Uh, stop knocking yourself. I think it's sanely human to have obsessive tics about the material world. I listen to certain music only on overcast days, I snap my fingers three times when crossing my bedroom threshold, I still don't step on cracks when I walk down a sidewalk. These are things I picked up in childhood, and which never became a serious pathology. But they were heading that way, and I bet the cause is common: a lack of control over my environment/circumstances early in life made me feel very insecure, so I tried to overcompensate by exerting undue power over the things within my control. Eventually, as I experienced greater success in autonomy, my tics diminished in number and scope until they are barely noticeable now. Further, I was a dysomniac until I was twelve; could fall asleep but couldn't stay asleep, and woke up every night(every night) with night terrors. So you have my sympathy about your insomnia, and how. It is hell. There got to be a point when I was tired of being tired, around puberty, and I had a long talk with myself and just started sleeping well after that. It may not be that simple for others, but I didn't expect it to be for me either.
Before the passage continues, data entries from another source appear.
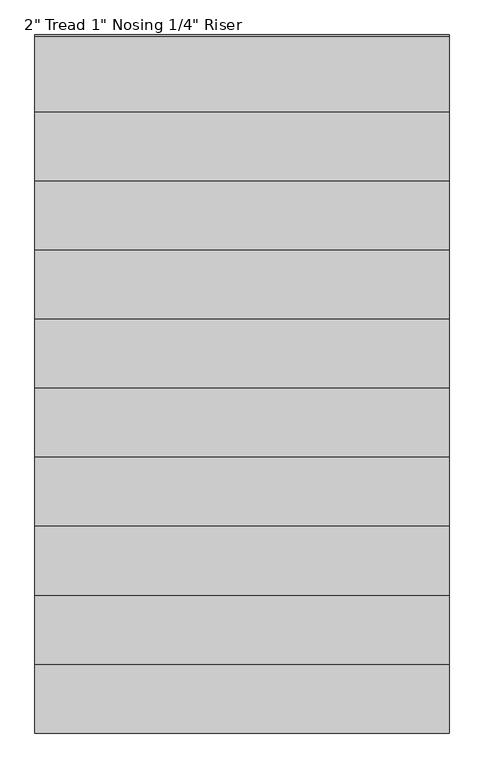
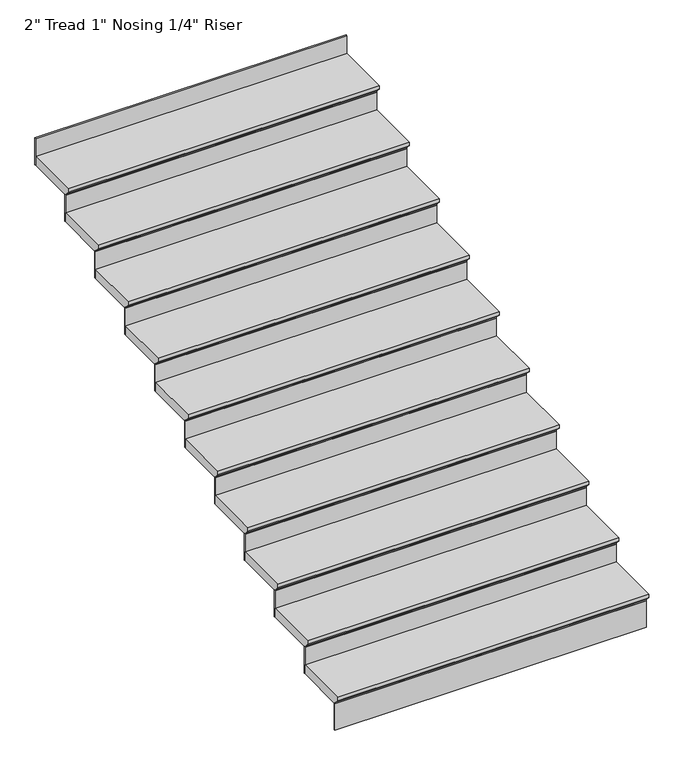
"""IFC4 building model written with IfcOpenShell, lengths in millimetres: stair flight geometry."""

from ifc_helpers import new_model, si_unit, frame, origin, place, context, project, spatial, polyline, outline, extrude, source, transform, mapped, element, save


def stair_flight_a36623a9(model_context):
    return source(origin(), model_context, "Body", "SweptSolid", [
        extrude(outline(polyline([(30952.1590238, 2286.0), (31256.9590238, 2286.0), (31256.9590238, 2235.2), (30977.5590238, 2235.2), (30977.5590238, 2241.55), (30952.1590238, 2266.95), (30952.1590238, 2286.0)])), frame((55546.5312819, 0.0, 0.0), z_axis=(1.0, 0.0, 0.0), x_axis=(0.0, 1.0, 0.0)), (0.0, 0.0, 1.0), 1676.4),
        extrude(outline(polyline([(57222.9312819, 30983.9090238), (57222.9312819, 30977.5590238), (55546.5312819, 30977.5590238), (55546.5312819, 30983.9090238), (57222.9312819, 30983.9090238)])), frame((0.0, 0.0, 2082.8), z_axis=(0.0, 0.0, 1.0), x_axis=(1.0, 0.0, 0.0)), (0.0, 0.0, 1.0), 152.4),
        extrude(outline(polyline([(57222.9312819, 31263.3090238), (57222.9312819, 31256.9590238), (55546.5312819, 31256.9590238), (55546.5312819, 31263.3090238), (57222.9312819, 31263.3090238)])), frame((0.0, 0.0, 2235.2), z_axis=(0.0, 0.0, 1.0), x_axis=(1.0, 0.0, 0.0)), (0.0, 0.0, 1.0), 152.4),
        extrude(outline(polyline([(31231.5590238, 2438.4), (31536.3590238, 2438.4), (31536.3590238, 2387.6), (31256.9590238, 2387.6), (31256.9590238, 2393.95), (31231.5590238, 2419.35), (31231.5590238, 2438.4)])), frame((55546.5312819, 0.0, 0.0), z_axis=(1.0, 0.0, 0.0), x_axis=(0.0, 1.0, 0.0)), (0.0, 0.0, 1.0), 1676.4),
        extrude(outline(polyline([(57222.9312819, 31542.7090238), (57222.9312819, 31536.3590238), (55546.5312819, 31536.3590238), (55546.5312819, 31542.7090238), (57222.9312819, 31542.7090238)])), frame((0.0, 0.0, 2387.6), z_axis=(0.0, 0.0, 1.0), x_axis=(1.0, 0.0, 0.0)), (0.0, 0.0, 1.0), 152.4),
        extrude(outline(polyline([(31510.9590238, 2590.8), (31815.7590238, 2590.8), (31815.7590238, 2540.0), (31536.3590238, 2540.0), (31536.3590238, 2546.35), (31510.9590238, 2571.75), (31510.9590238, 2590.8)])), frame((55546.5312819, 0.0, 0.0), z_axis=(1.0, 0.0, 0.0), x_axis=(0.0, 1.0, 0.0)), (0.0, 0.0, 1.0), 1676.4),
        extrude(outline(polyline([(57222.9312819, 31822.1090238), (57222.9312819, 31815.7590238), (55546.5312819, 31815.7590238), (55546.5312819, 31822.1090238), (57222.9312819, 31822.1090238)])), frame((0.0, 0.0, 2540.0), z_axis=(0.0, 0.0, 1.0), x_axis=(1.0, 0.0, 0.0)), (0.0, 0.0, 1.0), 152.4),
        extrude(outline(polyline([(31790.3590238, 2743.2), (32095.1590238, 2743.2), (32095.1590238, 2692.4), (31815.7590238, 2692.4), (31815.7590238, 2698.75), (31790.3590238, 2724.15), (31790.3590238, 2743.2)])), frame((55546.5312819, 0.0, 0.0), z_axis=(1.0, 0.0, 0.0), x_axis=(0.0, 1.0, 0.0)), (0.0, 0.0, 1.0), 1676.4),
        extrude(outline(polyline([(57222.9312819, 32101.5090238), (57222.9312819, 32095.1590238), (55546.5312819, 32095.1590238), (55546.5312819, 32101.5090238), (57222.9312819, 32101.5090238)])), frame((0.0, 0.0, 2692.4), z_axis=(0.0, 0.0, 1.0), x_axis=(1.0, 0.0, 0.0)), (0.0, 0.0, 1.0), 152.4),
        extrude(outline(polyline([(32069.7590238, 2895.6), (32374.5590238, 2895.6), (32374.5590238, 2844.8), (32095.1590238, 2844.8), (32095.1590238, 2851.15), (32069.7590238, 2876.55), (32069.7590238, 2895.6)])), frame((55546.5312819, 0.0, 0.0), z_axis=(1.0, 0.0, 0.0), x_axis=(0.0, 1.0, 0.0)), (0.0, 0.0, 1.0), 1676.4),
        extrude(outline(polyline([(57222.9312819, 32380.9090238), (57222.9312819, 32374.5590238), (55546.5312819, 32374.5590238), (55546.5312819, 32380.9090238), (57222.9312819, 32380.9090238)])), frame((0.0, 0.0, 2844.8), z_axis=(0.0, 0.0, 1.0), x_axis=(1.0, 0.0, 0.0)), (0.0, 0.0, 1.0), 152.4),
        extrude(outline(polyline([(32349.1590238, 3048.0), (32653.9590238, 3048.0), (32653.9590238, 2997.2), (32374.5590238, 2997.2), (32374.5590238, 3003.55), (32349.1590238, 3028.95), (32349.1590238, 3048.0)])), frame((55546.5312819, 0.0, 0.0), z_axis=(1.0, 0.0, 0.0), x_axis=(0.0, 1.0, 0.0)), (0.0, 0.0, 1.0), 1676.4),
        extrude(outline(polyline([(57222.9312819, 32660.3090238), (57222.9312819, 32653.9590238), (55546.5312819, 32653.9590238), (55546.5312819, 32660.3090238), (57222.9312819, 32660.3090238)])), frame((0.0, 0.0, 2997.2), z_axis=(0.0, 0.0, 1.0), x_axis=(1.0, 0.0, 0.0)), (0.0, 0.0, 1.0), 152.4),
        extrude(outline(polyline([(32628.5590238, 3200.4), (32933.3590238, 3200.4), (32933.3590238, 3149.6), (32653.9590238, 3149.6), (32653.9590238, 3155.95), (32628.5590238, 3181.35), (32628.5590238, 3200.4)])), frame((55546.5312819, 0.0, 0.0), z_axis=(1.0, 0.0, 0.0), x_axis=(0.0, 1.0, 0.0)), (0.0, 0.0, 1.0), 1676.4),
        extrude(outline(polyline([(57222.9312819, 32939.7090238), (57222.9312819, 32933.3590238), (55546.5312819, 32933.3590238), (55546.5312819, 32939.7090238), (57222.9312819, 32939.7090238)])), frame((0.0, 0.0, 3149.6), z_axis=(0.0, 0.0, 1.0), x_axis=(1.0, 0.0, 0.0)), (0.0, 0.0, 1.0), 152.4),
        extrude(outline(polyline([(32907.9590238, 3352.8), (33212.7590238, 3352.8), (33212.7590238, 3302.0), (32933.3590238, 3302.0), (32933.3590238, 3308.35), (32907.9590238, 3333.75), (32907.9590238, 3352.8)])), frame((55546.5312819, 0.0, 0.0), z_axis=(1.0, 0.0, 0.0), x_axis=(0.0, 1.0, 0.0)), (0.0, 0.0, 1.0), 1676.4),
        extrude(outline(polyline([(57222.9312819, 33219.1090238), (57222.9312819, 33212.7590238), (55546.5312819, 33212.7590238), (55546.5312819, 33219.1090238), (57222.9312819, 33219.1090238)])), frame((0.0, 0.0, 3302.0), z_axis=(0.0, 0.0, 1.0), x_axis=(1.0, 0.0, 0.0)), (0.0, 0.0, 1.0), 152.4),
        extrude(outline(polyline([(33187.3590238, 3505.2), (33492.1590238, 3505.2), (33492.1590238, 3454.4), (33212.7590238, 3454.4), (33212.7590238, 3460.75), (33187.3590238, 3486.15), (33187.3590238, 3505.2)])), frame((55546.5312819, 0.0, 0.0), z_axis=(1.0, 0.0, 0.0), x_axis=(0.0, 1.0, 0.0)), (0.0, 0.0, 1.0), 1676.4),
        extrude(outline(polyline([(57222.9312819, 33498.5090238), (57222.9312819, 33492.1590238), (55546.5312819, 33492.1590238), (55546.5312819, 33498.5090238), (57222.9312819, 33498.5090238)])), frame((0.0, 0.0, 3454.4), z_axis=(0.0, 0.0, 1.0), x_axis=(1.0, 0.0, 0.0)), (0.0, 0.0, 1.0), 152.4),
        extrude(outline(polyline([(57222.9312819, 33777.9090238), (57222.9312819, 33771.5590238), (55546.5312819, 33771.5590238), (55546.5312819, 33777.9090238), (57222.9312819, 33777.9090238)])), frame((0.0, 0.0, 3606.8), z_axis=(0.0, 0.0, 1.0), x_axis=(1.0, 0.0, 0.0)), (0.0, 0.0, 1.0), 152.4),
        extrude(outline(polyline([(33466.7590238, 3657.6), (33771.5590238, 3657.6), (33771.5590238, 3606.8), (33492.1590238, 3606.8), (33492.1590238, 3613.15), (33466.7590238, 3638.55), (33466.7590238, 3657.6)])), frame((55546.5312819, 0.0, 0.0), z_axis=(1.0, 0.0, 0.0), x_axis=(0.0, 1.0, 0.0)), (0.0, 0.0, 1.0), 1676.4),
    ])


if __name__ == "__main__":
    model = new_model("IFC4")
    model_context = context("Model", 3, world=origin())
    ifc_project = project(units=[si_unit("LENGTHUNIT", "METRE", prefix="MILLI")], contexts=[model_context])
    site = spatial("IfcSite", under=ifc_project)
    building = spatial("IfcBuilding", under=site)
    placement = place(None, origin())
    stair_flight_shape = stair_flight_a36623a9(model_context)
    element("IfcStairFlight", 1, ObjectType="2\" Tread 1\" Nosing 1/4\" Riser", at=placement, inside=building, context=model_context, shape_type="MappedRepresentation", body=[
        mapped(stair_flight_shape, transform((0.0, 0.0, 0.0), x_axis=(1.0, 0.0, 0.0), y_axis=(0.0, 1.0, 0.0), z_axis=(0.0, 0.0, 1.0))),
    ])
    save(model, "model.ifc")

The thing is, and please forgive me if this hews a bit too close to advice to show some self control, but you are in charge of what happens to your body and your immediate physical environment. So you can try to be aware that you are making choices that further consolidate your control over yourself and your autonomy, or that you are making choices that limit your control over yourself--unhealthy eating ultimately makes your body a hindrance to you and it becomes other people's problem, for instance. You are aware that you are engaging in counterproductive behavior. Now, maybe think about why, and whether it's still necessary. You've made a huge amount of progress already, and it sounds like on the power of your own will. That's astounding; lots and lots of people fail to do what you've done. Keep watch over yourself, keep examining your behavior and what motivates it, and maybe slowly slowly, you will wean yourself of these habits. You must believe that you can.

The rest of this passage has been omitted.